Fazit: Die Landesregierung trickst hier. Die "heutige" Dimension konnte zwar tatsächlich niemand erahnen, aber zum Zeitpunkt der ersten Reaktionen war schon drei Tage lang das Ausmaß durch Behördenberichte bekannt.

"Auch die Aussagen der bisherigen Zeugen im Parlamentarischen Untersuchungsausschuss haben sehr eindeutig klargemacht, dass sich die Dimension der Ereignisse erst mit einigen Tagen Verzögerung abzeichnete."

Fakt ist: Das stimmt so nicht. Zwar sind alle Beteiligten überrascht vom massiven Anstieg der Anzeigen. Doch zahlreiche Zeugen aus Polizeibehörden haben nach eigenen Angaben sofort erkannt, dass es sich um eine in Deutschland nie dagewesene Eskalation gehandelt habe. Und sogar der Chef der Polizei-Abteilung im Innenministerium, Wolfgang Düren (ist am Montag Zeuge), hat bereits am Neujahrsmittag durch die erste Meldung "Verhetzungspotenzial" und eine "gewisse politische Wertigkeit" gesehen - und einen Fall für die parlamentarische Aufarbeitung. Fazit: Unzulässiges Zurechtbiegen der Schilderungen.

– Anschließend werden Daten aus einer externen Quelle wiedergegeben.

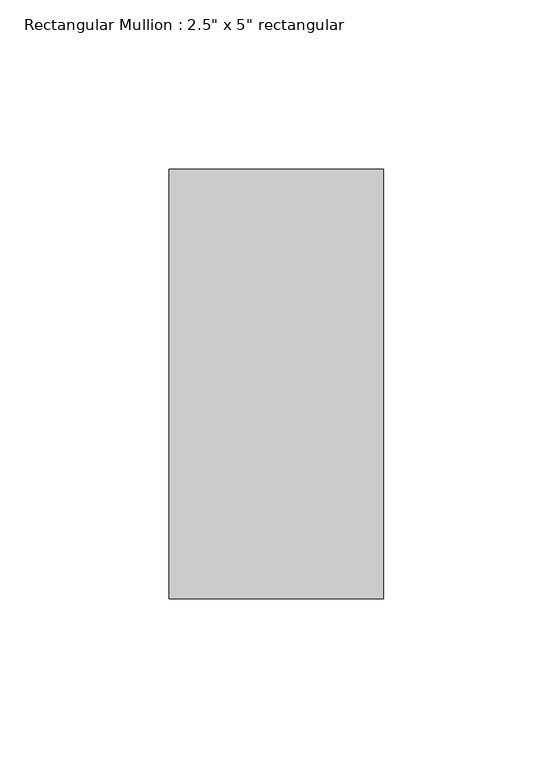
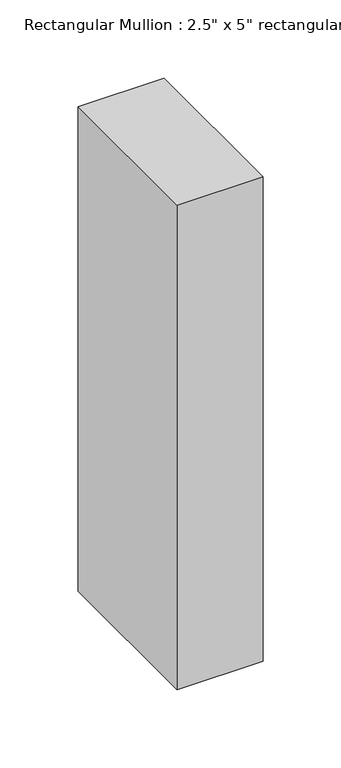
"""IFC4 building model written with IfcOpenShell, lengths in millimetres: member geometry."""

from ifc_helpers import new_model, si_unit, frame, origin, place, context, project, spatial, polyline, outline, extrude, source, transform, mapped, element, save


def member_e756d367(model_context):
    return source(origin(), model_context, "Body", "SweptSolid", [
        extrude(outline(polyline([(31.75, 63.5), (31.75, -63.5), (-31.75, -63.5), (-31.75, 63.5), (31.75, 63.5)])), frame((0.0, 0.0, -378.8833333), z_axis=(0.0, 0.0, 1.0), x_axis=(1.0, 0.0, 0.0)), (0.0, 0.0, 1.0), 378.8833333),
    ])


if __name__ == "__main__":
    model = new_model("IFC4")
    model_context = context("Model", 3, world=origin())
    ifc_project = project(units=[si_unit("LENGTHUNIT", "METRE", prefix="MILLI")], contexts=[model_context])
    site = spatial("IfcSite", under=ifc_project)
    building = spatial("IfcBuilding", under=site)
    placement = place(None, origin())
    member_shape = member_e756d367(model_context)
    element("IfcMember", 1, ObjectType="Rectangular Mullion : 2.5\" x 5\" rectangular", at=placement, inside=building, context=model_context, shape_type="MappedRepresentation", body=[
        mapped(member_shape, transform((0.0, 0.0, 0.0), x_axis=(1.0, 0.0, 0.0), y_axis=(0.0, 1.0, 0.0), z_axis=(0.0, 0.0, 1.0))),
    ])
    save(model, "model.ifc")

# Revit data of these elements
# Type "Rectangular Mullion : 2.5\" x 5\" rectangular"
#   built-in parameter 1007304 = 0.416667 (stored number, unit not read)
#   built-in parameter 1007301 = 0.104167 (stored number, unit not read)
#   built-in parameter 1007300 = 0.104167 (stored number, unit not read)
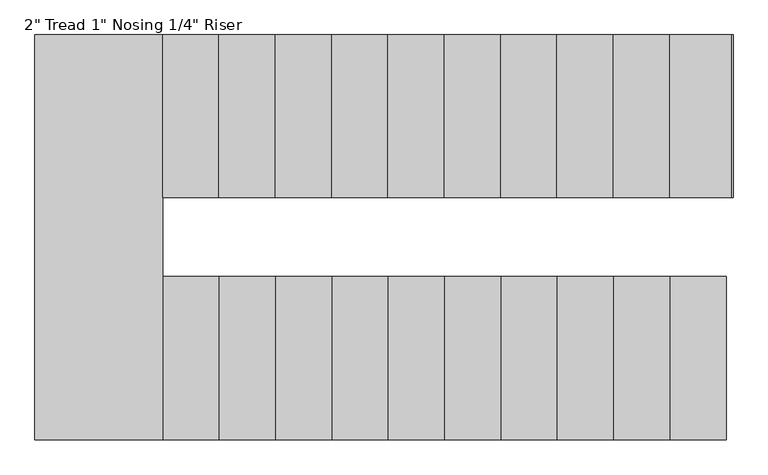
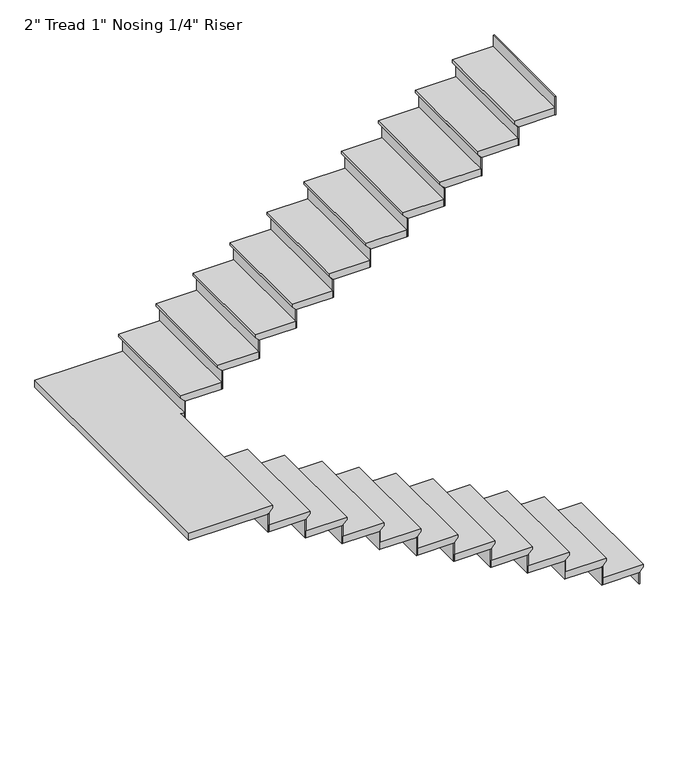
"""IFC4 building model written with IfcOpenShell, lengths in millimetres: stair flight geometry."""

from ifc_helpers import new_model, si_unit, origin, place, context, project, spatial, faceted_brep, source, transform, mapped, element, save


def stair_flight_8de044e6(model_context):
    return source(origin(), model_context, "Body", "Brep", [
        faceted_brep([(-3117.2664982, -6914.3822004, 3312.9681818), (-3117.2664982, -6914.3822004, 3332.0181818), (-3117.2664982, -7650.9822004, 3332.0181818), (-3117.2664982, -7650.9822004, 3312.9681818), (-3142.6664982, -6914.3822004, 3287.5681818), (-3142.6664982, -7650.9822004, 3287.5681818), (-3396.6664982, -6914.3822004, 3332.0181818), (-3396.6664982, -7650.9822004, 3332.0181818), (-3142.6664982, -7650.9822004, 3281.2181818), (-3396.6664982, -7650.9822004, 3281.2181818), (-3396.6664982, -6914.3822004, 3281.2181818), (-3142.6664982, -6914.3822004, 3281.2181818)], [[[0, 1, 2, 3]], [[4, 0, 3, 5]], [[2, 1, 6, 7]], [[8, 9, 10, 11]], [[2, 7, 9, 8, 5, 3]], [[8, 11, 4, 5]], [[6, 1, 0, 4, 11, 10]], [[7, 6, 10, 9]]]),
        faceted_brep([(-3142.6664982, -6914.3822004, 3281.2181818), (-3142.6664982, -6914.3822004, 3200.4), (-3149.0164982, -6914.3822004, 3200.4), (-3149.0164982, -6914.3822004, 3281.2181818), (-3142.6664982, -7650.9822004, 3281.2181818), (-3149.0164982, -7650.9822004, 3281.2181818), (-3149.0164982, -7650.9822004, 3200.4), (-3142.6664982, -7650.9822004, 3200.4)], [[[0, 1, 2, 3]], [[4, 5, 6, 7]], [[1, 0, 4, 7]], [[2, 1, 7, 6]], [[3, 2, 6, 5]], [[0, 3, 5, 4]]]),
        faceted_brep([(-3396.6664982, -6914.3822004, 3412.8363636), (-3396.6664982, -6914.3822004, 3281.2181818), (-3403.0164982, -6914.3822004, 3281.2181818), (-3403.0164982, -6914.3822004, 3412.8363636), (-3396.6664982, -7650.9822004, 3412.8363636), (-3403.0164982, -7650.9822004, 3412.8363636), (-3403.0164982, -7650.9822004, 3281.2181818), (-3396.6664982, -7650.9822004, 3281.2181818)], [[[0, 1, 2, 3]], [[4, 5, 6, 7]], [[1, 0, 4, 7]], [[2, 1, 7, 6]], [[3, 2, 6, 5]], [[0, 3, 5, 4]]]),
        faceted_brep([(-3371.2664982, -7650.9822004, 3463.6363636), (-3371.2664982, -6914.3822004, 3463.6363636), (-3650.6664982, -6914.3822004, 3463.6363636), (-3650.6664982, -7650.9822004, 3463.6363636), (-3396.6664982, -7650.9822004, 3412.8363636), (-3650.6664982, -7650.9822004, 3412.8363636), (-3650.6664982, -6914.3822004, 3412.8363636), (-3396.6664982, -6914.3822004, 3412.8363636), (-3396.6664982, -7650.9822004, 3419.1863636), (-3371.2664982, -7650.9822004, 3444.5863636), (-3396.6664982, -6914.3822004, 3419.1863636), (-3371.2664982, -6914.3822004, 3444.5863636)], [[[0, 1, 2, 3]], [[4, 5, 6, 7]], [[0, 3, 5, 4, 8, 9]], [[4, 7, 10, 8]], [[2, 1, 11, 10, 7, 6]], [[3, 2, 6, 5]], [[11, 1, 0, 9]], [[10, 11, 9, 8]]]),
        faceted_brep([(-3650.6664982, -6914.3822004, 3544.4545455), (-3650.6664982, -6914.3822004, 3412.8363636), (-3657.0164982, -6914.3822004, 3412.8363636), (-3657.0164982, -6914.3822004, 3544.4545455), (-3650.6664982, -7650.9822004, 3544.4545455), (-3657.0164982, -7650.9822004, 3544.4545455), (-3657.0164982, -7650.9822004, 3412.8363636), (-3650.6664982, -7650.9822004, 3412.8363636)], [[[0, 1, 2, 3]], [[4, 5, 6, 7]], [[1, 0, 4, 7]], [[2, 1, 7, 6]], [[3, 2, 6, 5]], [[0, 3, 5, 4]]]),
        faceted_brep([(-3625.2664982, -7650.9822004, 3595.2545455), (-3625.2664982, -6914.3822004, 3595.2545455), (-3904.6664982, -6914.3822004, 3595.2545455), (-3904.6664982, -7650.9822004, 3595.2545455), (-3650.6664982, -7650.9822004, 3544.4545455), (-3904.6664982, -7650.9822004, 3544.4545455), (-3904.6664982, -6914.3822004, 3544.4545455), (-3650.6664982, -6914.3822004, 3544.4545455), (-3650.6664982, -7650.9822004, 3550.8045455), (-3625.2664982, -7650.9822004, 3576.2045455), (-3650.6664982, -6914.3822004, 3550.8045455), (-3625.2664982, -6914.3822004, 3576.2045455)], [[[0, 1, 2, 3]], [[4, 5, 6, 7]], [[0, 3, 5, 4, 8, 9]], [[4, 7, 10, 8]], [[2, 1, 11, 10, 7, 6]], [[3, 2, 6, 5]], [[11, 1, 0, 9]], [[10, 11, 9, 8]]]),
        faceted_brep([(-3904.6664982, -6914.3822004, 3676.0727273), (-3904.6664982, -6914.3822004, 3544.4545455), (-3911.0164982, -6914.3822004, 3544.4545455), (-3911.0164982, -6914.3822004, 3676.0727273), (-3904.6664982, -7650.9822004, 3676.0727273), (-3911.0164982, -7650.9822004, 3676.0727273), (-3911.0164982, -7650.9822004, 3544.4545455), (-3904.6664982, -7650.9822004, 3544.4545455)], [[[0, 1, 2, 3]], [[4, 5, 6, 7]], [[1, 0, 4, 7]], [[2, 1, 7, 6]], [[3, 2, 6, 5]], [[0, 3, 5, 4]]]),
        faceted_brep([(-3879.2664982, -7650.9822004, 3726.8727273), (-3879.2664982, -6914.3822004, 3726.8727273), (-4158.6664982, -6914.3822004, 3726.8727273), (-4158.6664982, -7650.9822004, 3726.8727273), (-3904.6664982, -7650.9822004, 3676.0727273), (-4158.6664982, -7650.9822004, 3676.0727273), (-4158.6664982, -6914.3822004, 3676.0727273), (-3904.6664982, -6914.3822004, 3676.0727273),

"Die Staatskanzlei und das Innenministerium haben nie einen Hehl daraus gemacht, dass sowohl die Meldung über Wichtige Ereignisse am 1. Januar 2016 (14.36 Uhr) als auch zwei darauffolgende WE-Meldungen bis zum 3. Januar auch an die Staatskanzlei gesandt worden sind."

Fakt ist: Weder in der Sondersitzung des Innenausschusses am 11. Januar, noch in der Landtagssitzung am 14. Januar wurde dies offenbart. Erst nachdem der EXPRESS am 19. Januar darüber berichtet hatte, erwähnte Minister Jäger zwei Tage später die Info an die Staatskanzlei. Dass sogar das komplette direkte Umfeld der Ministerpräsidentin, inklusive ihres Vorzimmers, im Bilde war, wurde zudem noch weitere drei Monate verschwiegen - sogar vom Innenministerium explizit aus einem Entwurf für eine Antwort auf eine Presseanfrage rausgestrichen. Fazit: Von Beginn an gab sich die Landesregierung viel Mühe, um zu verheimlichen, wann sie wie informiert war.

Landesregierung: Medien haben Ausmaß erst am 4. Januar dargestellt!

Fakt ist: Die Landesregierung beruft sich u.a. auf "Tagesschau" (ARD) und "heute" (ZDF), die nicht berichtet hätten, lässt aber unzählige Artikel vom 1., 2., 3. Januar in der Darstellung einfach weg - es gab dort bereits Dutzende Veröffentlichungen, die die massiven sexuellen Übergriffe schilderten, und zwar bereits ab dem Neujahrstag. Allein in den Digital-Auftritten von EXPRESS und "Kölner Stadt-Anzeiger" erschienen an den ersten drei Tagen elf Artikel mit 1,3 Millionen (!) Aufrufen. Darin wurden sowohl Art und Anzahl der Taten als auch die mutmaßliche Herkunft der Täter dargestellt. Fazit: Während Millionen Menschen in den ersten drei Tagen ein ziemlich klares Bild durch Medien hatten, will das Innenministerium die Berichte allesamt nicht gelesen haben. Das wäre zwar allein schon ein Alarmsignal, ist zudem aber wenig glaubwürdig.